Witness the confusion here. NPR, bless them, has got a mega-list of book titles up, and they are inviting you and everybody else to vote for 10 favorites. Now, the comments on this post are F.U.L.L. of people bemoaning the absence of their favorite “YA” books. Like… Alice in Wonderland, Chronicles of Narnia, and Harriet the Spy.  None of which, you will soon come to understand, are YA.

Let the record show, though, that NPR’s panel actually did a pretty good job of (gasp) limiting themselves to books that could be conceivably construed as YA.

Consider, by contrast, a recent Huffington Post slideshow on fearless YA characters that included in its list the following (very much NOT YA) titles: Encyclopedia Brown (possibly prompted by the recent death of the author?), The Phantom Tollbooth (huh??), A Wrinkle in Time, The Wizard of Oz, Ramona Quinby, The Secret Garden, and others undeniably outside the YA category by any definition… except maybe “not for adults.” In fact, I’d say of the 14, only 3 of the titles (The Hunger Games; Are You There God? It’s Me, Margaret; and The Chocolate War) are solidly YA. Harry Potter and The Lord of the Rings are iffy.

Now, let me buffer all of this by saying that I realize not everybody is as YA obsessed as us author/librarian/publisher/editor types. But guess what? There’s no longer an excuse because a brilliant blogger over at Clear Eyes, Full Shelves has generated this wonderfully useful (and funny) guide to YA identification.

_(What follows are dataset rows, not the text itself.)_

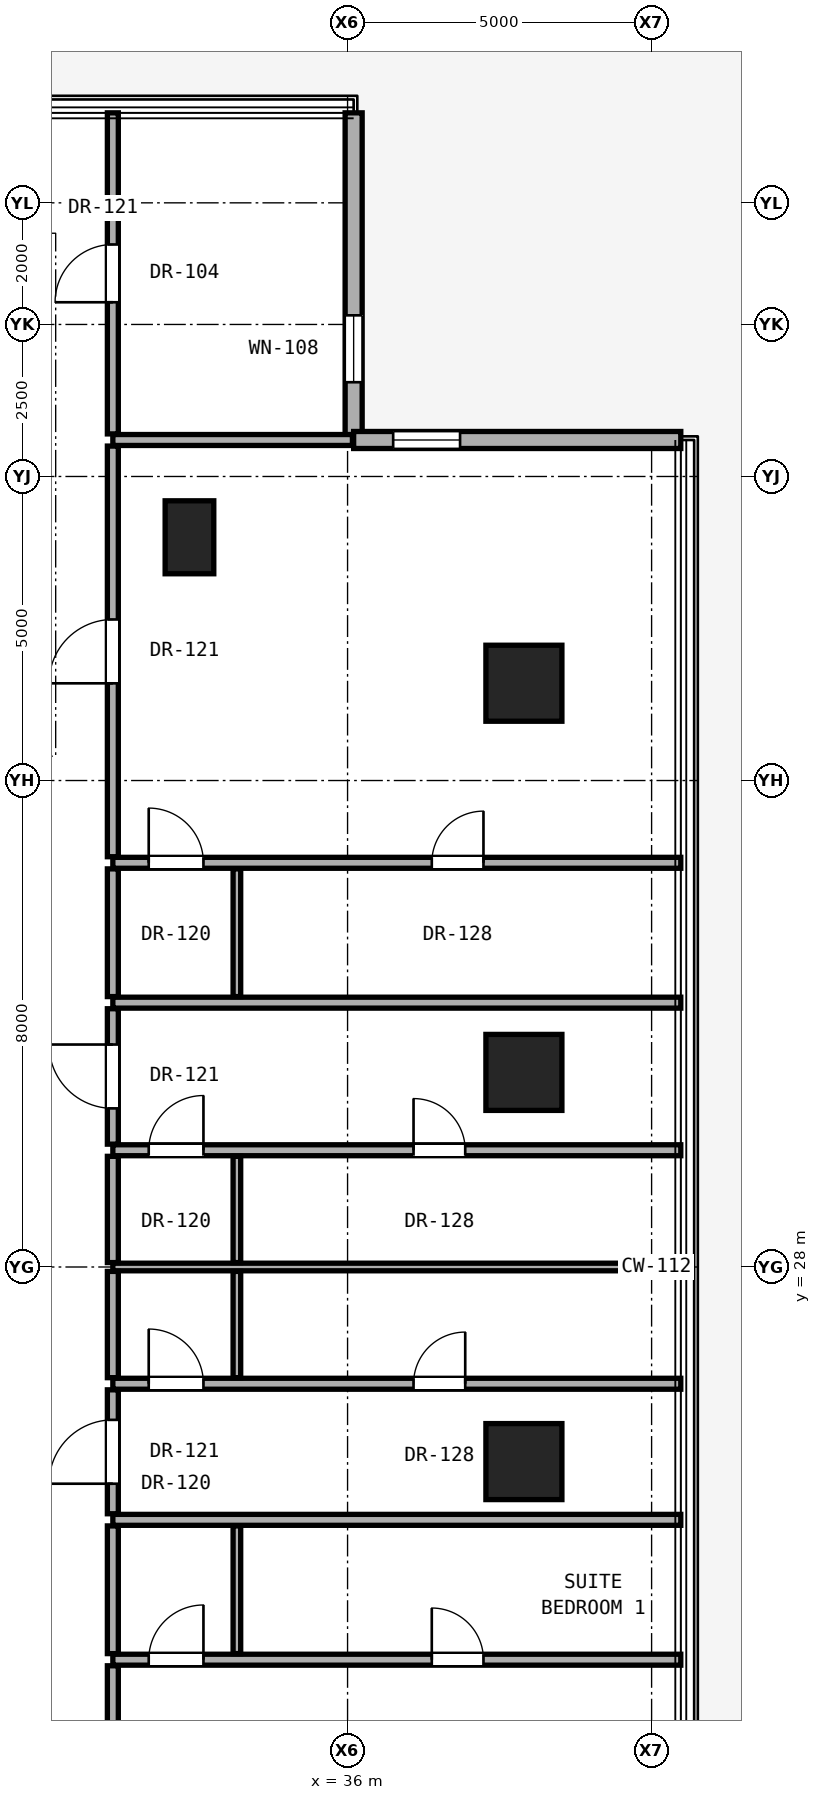
"""IFC4 building model, lengths in metres.
Left out: names, types, materials, properties, quantities, classifications, styles, units other than length and angle.
Written with IfcOpenShell. Run it as: python <this file> out.ifc"""

import sys

from ifc_helpers import new_model, si_unit, direction, frame, frame_2d, origin, origin_2d, place, context, subcontext, project, spatial, rectangle, hollow_rectangle, extrude, element, fill, save


model = new_model("IFC4")
c1 = context("Model", 3, precision=1e-05, world=origin(), true_north=direction((0.0, 1.0)))
c2 = subcontext(c1, "Body", "Model", "MODEL_VIEW")
j1 = project(units=[si_unit("LENGTHUNIT", "METRE"), si_unit("PLANEANGLEUNIT", "RADIAN")], contexts=[c1])
p1 = place(None, origin())
s1 = spatial("IfcSite", under=j1, at=p1, CompositionType="ELEMENT")
p2 = place(p1, origin())
s2 = spatial("IfcBuilding", under=s1, at=p2, CompositionType="ELEMENT")
p3 = place(p2, frame((0.0, 0.0, 22.4)))
s3 = spatial("IfcBuildingStorey", under=s2, at=p3, CompositionType="ELEMENT", Elevation=22.4)
for number, where, z_axis, x_axis in (
    (1, (38.9, 24.8, 0.0), (0.0, 0.0, 1.0), (1.0, 0.0, 0.0)),
    (2, (38.9, 31.2, 0.0), (0.0, 0.0, 1.0), (1.0, 0.0, 0.0)),
    (3, (38.9, 37.6, 0.0), (0.0, 0.0, 1.0), (1.0, 0.0, 0.0)),
):
    element("IfcColumn", number, at=place(p3, frame(where, z_axis=z_axis, x_axis=x_axis)), inside=s3, PredefinedType="COLUMN", context=c2, shape_type="SweptSolid", body=[
        extrude(hollow_rectangle(XDim=1.25, YDim=1.25, WallThickness=0.07, at=origin_2d()), origin(), (0.0, 0.0, 1.0), 3.3),
    ])
p4 = place(p3, frame((33.4, 40.0, 0.0), z_axis=(0.0, 0.0, 1.0), x_axis=(1.0, 0.0, 0.0)))
e4 = element("IfcColumn", 4, at=p4, inside=s3, PredefinedType="PILASTER", context=c2, shape_type="SweptSolid", body=[
    extrude(rectangle(XDim=0.8, YDim=1.2, at=origin_2d()), origin(), (0.0, 0.0, 1.0), 3.3),
])
p5 = place(p3, frame((36.1, 41.6, 0.0), z_axis=(0.0, 0.0, 1.0), x_axis=(0.0, 1.0, 0.0)))
e5 = element("IfcWall", 5, at=p5, inside=s3, PredefinedType="SOLIDWALL", context=c2, shape_type="SweptSolid", body=[
    extrude(rectangle(XDim=5.38, YDim=0.28, at=frame_2d((2.69, 0.0))), origin(), (0.0, 0.0, 1.0), 3.04),
])
p6 = place(p5, frame((0.95, 0.0, 0.85)))
e6 = element("IfcOpeningElement", 6, at=p6, cuts=e5, PredefinedType="OPENING", context=c2, shape_type="SweptSolid", body=[
    extrude(rectangle(XDim=1.1, YDim=2.0, at=frame_2d((0.55, 1.0))), frame((0.0, 0.15, 0.0), z_axis=(0.0, -1.0, 0.0), x_axis=(1.0, 0.0, 0.0)), (0.0, 0.0, 1.0), 0.3),
])
p7 = place(p3, frame((41.48, 41.6, 0.0), z_axis=(0.0, 0.0, 1.0), x_axis=(-1.0, 0.0, 0.0)))
e7 = element("IfcWall", 7, at=p7, inside=s3, PredefinedType="SOLIDWALL", context=c2, shape_type="SweptSolid", body=[
    extrude(rectangle(XDim=5.38, YDim=0.28, at=frame_2d((2.69, 0.0))), origin(), (0.0, 0.0, 1.0), 3.04),
])
p8 = place(p7, frame((3.63, 0.0, 0.85)))
e8 = element("IfcOpeningElement", 8, at=p8, cuts=e7, PredefinedType="OPENING", context=c2, shape_type="SweptSolid", body=[
    extrude(rectangle(XDim=1.1, YDim=2.0, at=frame_2d((0.55, 1.0))), frame((0.0, 0.15, 0.0), z_axis=(0.0, -1.0, 0.0), x_axis=(1.0, 0.0, 0.0)), (0.0, 0.0, 1.0), 0.3),
])
p9 = place(p3, frame((32.14, 21.542, 0.0), z_axis=(0.0, 0.0, 1.0), x_axis=(1.0, 0.0, 0.0)))
e9 = element("IfcWall", 9, at=p9, inside=s3, PredefinedType="PARTITIONING", context=c2, shape_type="SweptSolid", body=[
    extrude(rectangle(XDim=9.34, YDim=0.18, at=frame_2d((4.67, 0.0))), origin(), (0.0, 0.0, 1.0), 2.125),
])
p10 = place(p9, frame((5.245, 0.0, 0.0)))
e10 = element("IfcOpeningElement", 10, at=p10, cuts=e9, PredefinedType="OPENING", context=c2, shape_type="SweptSolid", body=[
    extrude(rectangle(XDim=0.85, YDim=2.01, at=frame_2d((0.425, 1.005))), frame((0.0, 0.1, 0.0), z_axis=(0.0, -1.0, 0.0), x_axis=(1.0, 0.0, 0.0)), (0.0, 0.0, 1.0), 0.2),
])
p11 = place(p9, frame((0.59, 0.0, 0.0)))
e11 = element("IfcOpeningElement", 11, at=p11, cuts=e9, PredefinedType="OPENING", context=c2, shape_type="SweptSolid", body=[
    extrude(rectangle(XDim=0.9, YDim=2.1, at=frame_2d((0.45, 1.05))), frame((0.0, 0.1, 0.0), z_axis=(0.0, -1.0, 0.0), x_axis=(1.0, 0.0, 0.0)), (0.0, 0.0, 1.0), 0.2),
])
p12 = place(p3, frame((32.14, 23.842, 0.0), z_axis=(0.0, 0.0, 1.0), x_axis=(1.0, 0.0, 0.0)))
e12 = element("IfcWall", 12, at=p12, inside=s3, PredefinedType="PARTITIONING", context=c2, shape_type="SweptSolid", body=[
    extrude(rectangle(XDim=9.34, YDim=0.18, at=frame_2d((4.67, 0.0))), origin(), (0.0, 0.0, 1.0), 2.125),
])
p13 = place(p3, frame((32.14, 26.08, 0.0), z_axis=(0.0, 0.0, 1.0), x_axis=(1.0, 0.0, 0.0)))
e13 = element("IfcWall", 13, at=p13, inside=s3, PredefinedType="PARTITIONING", context=c2, shape_type="SweptSolid", body=[
    extrude(rectangle(XDim=9.34, YDim=0.18, at=frame_2d((4.67, 0.0))), origin(), (0.0, 0.0, 1.0), 2.125),
])
p14 = place(p13, frame((4.945, 0.0, 0.0)))
e14 = element("IfcOpeningElement", 14, at=p14, cuts=e13, PredefinedType="OPENING", context=c2, shape_type="SweptSolid", body=[
    extrude(rectangle(XDim=0.85, YDim=2.01, at=frame_2d((0.425, 1.005))), frame((0.0, 0.1, 0.0), z_axis=(0.0, -1.0, 0.0), x_axis=(1.0, 0.0, 0.0)), (0.0, 0.0, 1.0), 0.2),
])
p15 = place(p13, frame((0.59, 0.0, 0.0)))
e15 = element("IfcOpeningElement", 15, at=p15, cuts=e13, PredefinedType="OPENING", context=c2, shape_type="SweptSolid", body=[
    extrude(rectangle(XDim=0.9, YDim=2.1, at=frame_2d((0.45, 1.05))), frame((0.0, 0.1, 0.0), z_axis=(0.0, -1.0, 0.0), x_axis=(1.0, 0.0, 0.0)), (0.0, 0.0, 1.0), 0.2),
])
p16 = place(p3, frame((32.14, 28.0, 0.0), z_axis=(0.0, 0.0, 1.0), x_axis=(1.0, 0.0, 0.0)))
e16 = element("IfcWall", 16, at=p16, inside=s3, PredefinedType="PARTITIONING", context=c2, shape_type="SweptSolid", body=[
    extrude(rectangle(XDim=9.34, YDim=0.125, at=frame_2d((4.67, 0.0))), origin(), (0.0, 0.0, 1.0), 2.125),
])
p17 = place(p3, frame((32.14, 29.92, 0.0), z_axis=(0.0, 0.0, 1.0), x_axis=(1.0, 0.0, 0.0)))
e17 = element("IfcWall", 17, at=p17, inside=s3, PredefinedType="PARTITIONING", context=c2, shape_type="SweptSolid", body=[
    extrude(rectangle(XDim=9.34, YDim=0.18, at=frame_2d((4.67, 0.0))), origin(), (0.0, 0.0, 1.0), 2.125),
])
p18 = place(p17, frame((4.945, 0.0, 0.0)))
e18 = element("IfcOpeningElement", 18, at=p18, cuts=e17, PredefinedType="OPENING", context=c2, shape_type="SweptSolid", body=[
    extrude(rectangle(XDim=0.85, YDim=2.01, at=frame_2d((0.425, 1.005))), frame((0.0, 0.1, 0.0), z_axis=(0.0, -1.0, 0.0), x_axis=(1.0, 0.0, 0.0)), (0.0, 0.0, 1.0), 0.2),
])
p19 = place(p17, frame((0.59, 0.0, 0.0)))
e19 = element("IfcOpeningElement", 19, at=p19, cuts=e17, PredefinedType="OPENING", context=c2, shape_type="SweptSolid", body=[
    extrude(rectangle(XDim=0.9, YDim=2.1, at=frame_2d((0.45, 1.05))), frame((0.0, 0.1, 0.0), z_axis=(0.0, -1.0, 0.0), x_axis=(1.0, 0.0, 0.0)), (0.0, 0.0, 1.0), 0.2),
])
p20 = place(p3, frame((32.14, 32.347, 0.0), z_axis=(0.0, 0.0, 1.0), x_axis=(1.0, 0.0, 0.0)))
e20 = element("IfcWall", 20, at=p20, inside=s3, PredefinedType="PARTITIONING", context=c2, shape_type="SweptSolid", body=[
    extrude(rectangle(XDim=9.34, YDim=0.18, at=frame_2d((4.67, 0.0))), origin(), (0.0, 0.0, 1.0), 2.125),
])
p21 = place(p3, frame((32.14, 34.647, 0.0), z_axis=(0.0, 0.0, 1.0), x_axis=(1.0, 0.0, 0.0)))
e21 = element("IfcWall", 21, at=p21, inside=s3, PredefinedType="PARTITIONING", context=c2, shape_type="SweptSolid", body=[
    extrude(rectangle(XDim=9.34, YDim=0.18, at=frame_2d((4.67, 0.0))), origin(), (0.0, 0.0, 1.0), 2.125),
])
p22 = place(p21, frame((5.245, 0.0, 0.0)))
e22 = element("IfcOpeningElement", 22, at=p22, cuts=e21, PredefinedType="OPENING", context=c2, shape_type="SweptSolid", body=[
    extrude(rectangle(XDim=0.85, YDim=2.01, at=frame_2d((0.425, 1.005))), frame((0.0, 0.1, 0.0), z_axis=(0.0, -1.0, 0.0), x_axis=(1.0, 0.0, 0.0)), (0.0, 0.0, 1.0), 0.2),
])
p23 = place(p21, frame((0.59, 0.0, 0.0)))
e23 = element("IfcOpeningElement", 23, at=p23, cuts=e21, PredefinedType="OPENING", context=c2, shape_type="SweptSolid", body=[
    extrude(rectangle(XDim=0.9, YDim=2.1, at=frame_2d((0.45, 1.05))), frame((0.0, 0.1, 0.0), z_axis=(0.0, -1.0, 0.0), x_axis=(1.0, 0.0, 0.0)), (0.0, 0.0, 1.0), 0.2),
])
p24 = place(p3, frame((32.14, 41.6, 0.0), z_axis=(0.0, 0.0, 1.0), x_axis=(1.0, 0.0, 0.0)))
e24 = element("IfcWall", 24, at=p24, inside=s3, PredefinedType="PARTITIONING", context=c2, shape_type="SweptSolid", body=[
    extrude(rectangle(XDim=3.94, YDim=0.18, at=frame_2d((1.97, 0.0))), origin(), (0.0, 0.0, 1.0), 3.06),
])
p25 = place(p3, frame((32.14, 14.5, 0.0), z_axis=(0.0, 0.0, 1.0), x_axis=(0.0, 1.0, 0.0)))
e25 = element("IfcWall", 25, at=p25, inside=s3, PredefinedType="PARTITIONING", context=c2, shape_type="SweptSolid", body=[
    extrude(rectangle(XDim=6.942, YDim=0.18, at=frame_2d((3.471, 0.0))), origin(), (0.0, 0.0, 1.0), 2.436),
])
p26 = place(p25, frame((2.946, 0.0, 0.0)))
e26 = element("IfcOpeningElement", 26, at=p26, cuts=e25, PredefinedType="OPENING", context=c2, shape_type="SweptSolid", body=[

Did you think that YA means “teen characters”? Or that everything you read as a teen was YA? Or that if it has a cartoon on the cover, it must be YA? 

If you answered “yes” to any of the above, that’s okay; we can still be friends. But you do need re-education.

For the record, the Carolrhoda Lab (my publisher) mission statement contains my favorite definition of YA–or at least the YA I write: “distinctive, provocative, boundary-pushing fiction for teens and their sympathizers.” 

Oh, and there’s more discussion of defining YA here, if you still have an appetite for it.

Writing Hungry

Our grocery carts aren't so full these days.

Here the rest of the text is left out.